Question

In: Accounting

1- Which of the following statements is NOT true? Basic shares outstanding are always included in...

1- Which of the following statements is NOT true?

  1. Basic shares outstanding are always included in fully diluted shares outstanding.

  2. Fully diluted shares outstanding include all potentially dilutive securities that have been issued.

  3. Fully diluted shares outstanding can not decrease unless shares are repurchased.

  4. Basic shares outstanding are always equal to or less than fully diluted shares outstanding

2- An analyst has built a forecast showing a rapidly rising Fixed Asset Turnover Ratio. What error has the analyst likely made?

  1. The CAPEX forecast is too low.

  2. The depreciation forecast is too low.

  3. The net profit forecast is too low.

  4. The net sales forecast is too low

3- The number of shares repurchased and/or issued in a given period is shown on the:

  1. income statement.

  2. balance sheet.

  3. cash flow statement.

  4. statement of shareholders equity

4- Assume a firm has a current ratio of 2.0x and a debt ratio of 0.5x. The firm takes a charge to write-down some obsolete inventory. The firm's current ratio and debt ratio will:

  1. Both decrease.

  2. The current ratio will increase and the debt ratio will decrease.

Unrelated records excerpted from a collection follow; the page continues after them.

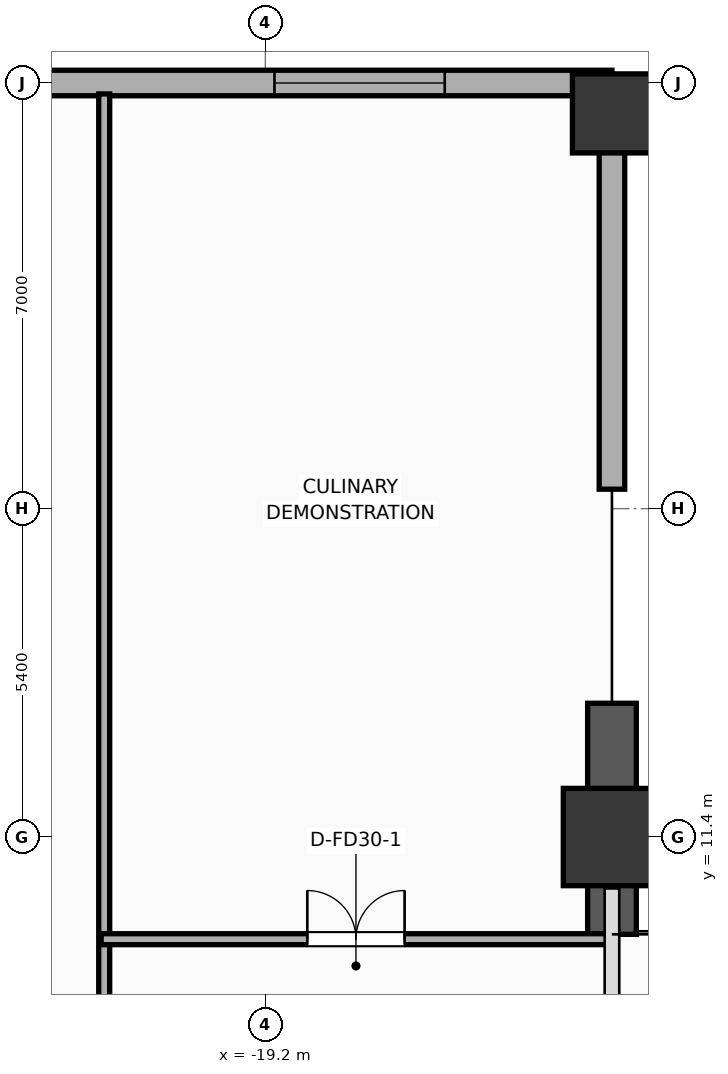
"""IFC4 building model, lengths in metres.
Left out: names, types, materials, properties, quantities, classifications, styles, units other than length and angle.
Written with IfcOpenShell. Run it as: python <this file> out.ifc"""

import sys

from ifc_helpers import new_model, si_unit, direction, frame, frame_2d, origin, origin_2d, place, context, subcontext, project, spatial, rectangle, extrude, element, fill, save


model = new_model("IFC4")
c1 = context("Model", 3, precision=1e-05, world=origin(), true_north=direction((0.0, 1.0)))
c2 = subcontext(c1, "Body", "Model", "MODEL_VIEW")
j1 = project(units=[si_unit("LENGTHUNIT", "METRE"), si_unit("PLANEANGLEUNIT", "RADIAN")], contexts=[c1])
p1 = place(None, origin())
s1 = spatial("IfcSite", under=j1, at=p1, CompositionType="ELEMENT")
p2 = place(p1, origin())
s2 = spatial("IfcBuilding", under=s1, at=p2, CompositionType="ELEMENT")
p3 = place(p2, frame((0.0, 0.0, 15.6)))
s3 = spatial("IfcBuildingStorey", under=s2, at=p3, CompositionType="ELEMENT", Elevation=15.6)
p4 = place(p3, frame((-13.5, 11.4, 0.0), z_axis=(0.0, 0.0, 1.0), x_axis=(1.0, 0.0, 0.0)))
e1 = element("IfcColumn", 1, at=p4, inside=s3, PredefinedType="COLUMN", context=c2, shape_type="SweptSolid", body=[
    extrude(rectangle(XDim=1.6, YDim=1.6, at=origin_2d()), origin(), (0.0, 0.0, 1.0), 5.2),
])
p5 = place(p3, frame((-13.5, 23.3, 0.0), z_axis=(0.0, 0.0, 1.0), x_axis=(1.0, 0.0, 0.0)))
e2 = element("IfcColumn", 2, at=p5, inside=s3, PredefinedType="COLUMN", context=c2, shape_type="SweptSolid", body=[
    extrude(rectangle(XDim=1.3, YDim=1.3, at=origin_2d()), origin(), (0.0, 0.0, 1.0), 5.2),
])
p6 = place(p3, frame((-13.5, 9.8, 0.0), z_axis=(0.0, 0.0, 1.0), x_axis=(0.0, 1.0, 0.0)))
e3 = element("IfcWall", 3, at=p6, inside=s3, PredefinedType="SOLIDWALL", context=c2, shape_type="SweptSolid", body=[
    extrude(rectangle(XDim=3.8, YDim=0.8, at=frame_2d((1.9, 0.0))), origin(), (0.0, 0.0, 1.0), 4.8),
])
p7 = place(p3, frame((-13.5, 17.12, 0.0), z_axis=(0.0, 0.0, 1.0), x_axis=(0.0, 1.0, 0.0)))
e4 = element("IfcWall", 4, at=p7, inside=s3, PredefinedType="ELEMENTEDWALL", context=c2, shape_type="SweptSolid", body=[
    extrude(rectangle(XDim=6.68, YDim=0.42, at=frame_2d((3.34, 0.0))), origin(), (0.0, 0.0, 1.0), 4.09),
])
p8 = place(p3, frame((-13.5, 23.8, 0.0), z_axis=(0.0, 0.0, 1.0), x_axis=(-1.0, 0.0, 0.0)))
e5 = element("IfcWall", 5, at=p8, inside=s3, PredefinedType="ELEMENTEDWALL", context=c2, shape_type="SweptSolid", body=[
    extrude(rectangle(XDim=24.9, YDim=0.42, at=frame_2d((12.45, 0.0))), origin(), (0.0, 0.0, 1.0), 4.8),
])
p9 = place(p8, frame((2.75, 0.0, 0.65)))
e6 = element("IfcOpeningElement", 6, at=p9, cuts=e5, PredefinedType="OPENING", context=c2, shape_type="SweptSolid", body=[
    extrude(rectangle(XDim=2.8, YDim=2.6, at=frame_2d((1.4, 1.3))), frame((0.0, 0.22, 0.0), z_axis=(0.0, -1.0, 0.0), x_axis=(1.0, 0.0, 0.0)), (0.0, 0.0, 1.0), 0.44),
])
p10 = place(p8, frame((19.35, 0.0, 0.65)))
e7 = element("IfcOpeningElement", 7, at=p10, cuts=e5, PredefinedType="OPENING", context=c2, shape_type="SweptSolid", body=[
    extrude(rectangle(XDim=2.8, YDim=2.6, at=frame_2d((1.4, 1.3))), frame((0.0, 0.22, 0.0), z_axis=(0.0, -1.0, 0.0), x_axis=(1.0, 0.0, 0.0)), (0.0, 0.0, 1.0), 0.44),
])
p11 = place(p3, frame((-21.85, -10.5, 0.0), z_axis=(0.0, 0.0, 1.0), x_axis=(0.0, 1.0, 0.0)))
e8 = element("IfcWall", 8, at=p11, inside=s3, PredefinedType="PARTITIONING", context=c2, shape_type="SweptSolid", body=[
    extrude(rectangle(XDim=34.12, YDim=0.18, at=frame_2d((17.06, 0.0))), origin(), (0.0, 0.0, 1.0), 4.8),
])
p12 = place(p11, frame((13.531, 0.0, 0.0)))
e9 = element("IfcOpeningElement", 9, at=p12, cuts=e8, PredefinedType="OPENING", context=c2, shape_type="SweptSolid", body=[
    extrude(rectangle(XDim=1.6, YDim=2.05, at=frame_2d((0.8, 1.025))), frame((0.0, 0.1, 0.0), z_axis=(0.0, -1.0, 0.0), x_axis=(1.0, 0.0, 0.0)), (0.0, 0.0, 1.0), 0.2),
])
p13 = place(p3, frame((-21.9, 9.72, 0.0), z_axis=(0.0, 0.0, 1.0), x_axis=(1.0, 0.0, 0.0)))
e10 = element("IfcWall", 10, at=p13, inside=s3, PredefinedType="PARTITIONING", context=c2, shape_type="SweptSolid", body=[
    extrude(rectangle(XDim=8.38, YDim=0.18, at=frame_2d((4.19, 0.0))), origin(), (0.0, 0.0, 1.0), 4.8),
])
p14 = place(p13, frame((3.39, 0.0, 0.0)))
e11 = element("IfcOpeningElement", 11, at=p14, cuts=e10, PredefinedType="OPENING", context=c2, shape_type="SweptSolid", body=[
    extrude(rectangle(XDim=1.6, YDim=2.05, at=frame_2d((0.8, 1.025))), frame((0.0, 0.1, 0.0), z_axis=(0.0, -1.0, 0.0), x_axis=(1.0, 0.0, 0.0)), (0.0, 0.0, 1.0), 0.2),
])
p15 = place(p9, origin())
e12 = element("IfcWindow", 12, at=p15, inside=s3, PartitioningType="SINGLE_PANEL", PredefinedType="WINDOW", context=c2, shape_type="SweptSolid", body=[
    extrude(rectangle(XDim=2.8, YDim=2.6, at=frame_2d((1.4, 1.3))), frame((0.0, 0.03, 0.0), z_axis=(0.0, -1.0, 0.0), x_axis=(1.0, 0.0, 0.0)), (0.0, 0.0, 1.0), 0.06),
])
fill(e6, e12)
p16 = place(p14, origin())
e13 = element("IfcDoor", 13, at=p16, inside=s3, OperationType="DOUBLE_DOOR_SINGLE_SWING", PredefinedType="DOOR", context=c2, shape_type="SweptSolid", body=[
    extrude(rectangle(XDim=1.6, YDim=2.05, at=frame_2d((0.8, 1.025))), frame((0.0, 0.025, 0.0), z_axis=(0.0, -1.0, 0.0), x_axis=(1.0, 0.0, 0.0)), (0.0, 0.0, 1.0), 0.05),
])
fill(e11, e13)
save(model, sys.argv[1])

  3. The current ratio will decrease and the debt ratio will increase.

  4. Both increase.

Solutions

Expert Solution

  1. Fully diluted shares outstanding can not decrease unless shares are repurchased.
    Fully diluted shares include employee stock option and security conversion, such conversion/exercise is at the option of the holder; the employee can choose not to exercise option and security holder can decide not to convert security to shares, Therefore, Diluted shares can decrease at the discretion of the option holder.
  2. The CAPEX forecast is too low.
    The formula for Fixed Asset Turnover Ratio is Net Revenue / Average Net Fixed Assets(Fixed Asset - Accumulated Depreciation). The ratio would rise under 2 circumstances i.e. the numerator increases or the denominator decreases. The capital expenditure forecast would be low resulting in a lower Average Total assets, resulting in rapid increase of Asset Turnover Ratio.
  3. statement of shareholders equity
    Statement of shareholder's equity shows the changes to the Equity component of the Balance Sheet.
  4. The current ratio will decrease and the debt ratio will increase.
    Current ratio = Current Assets / Current Liabilities - if there is a decrease in Current Asset the ratio will decrease because of the reduced numerator. 200/100 = 2 & 150/100 = 1.5.
    Debt Ratio = Liabilities / Assets - if there is decrease in inventory, it will result in reduced Assets and therefore denominator, resulting in increase in ratio. 100/100 = 1 & 200/100 = 2.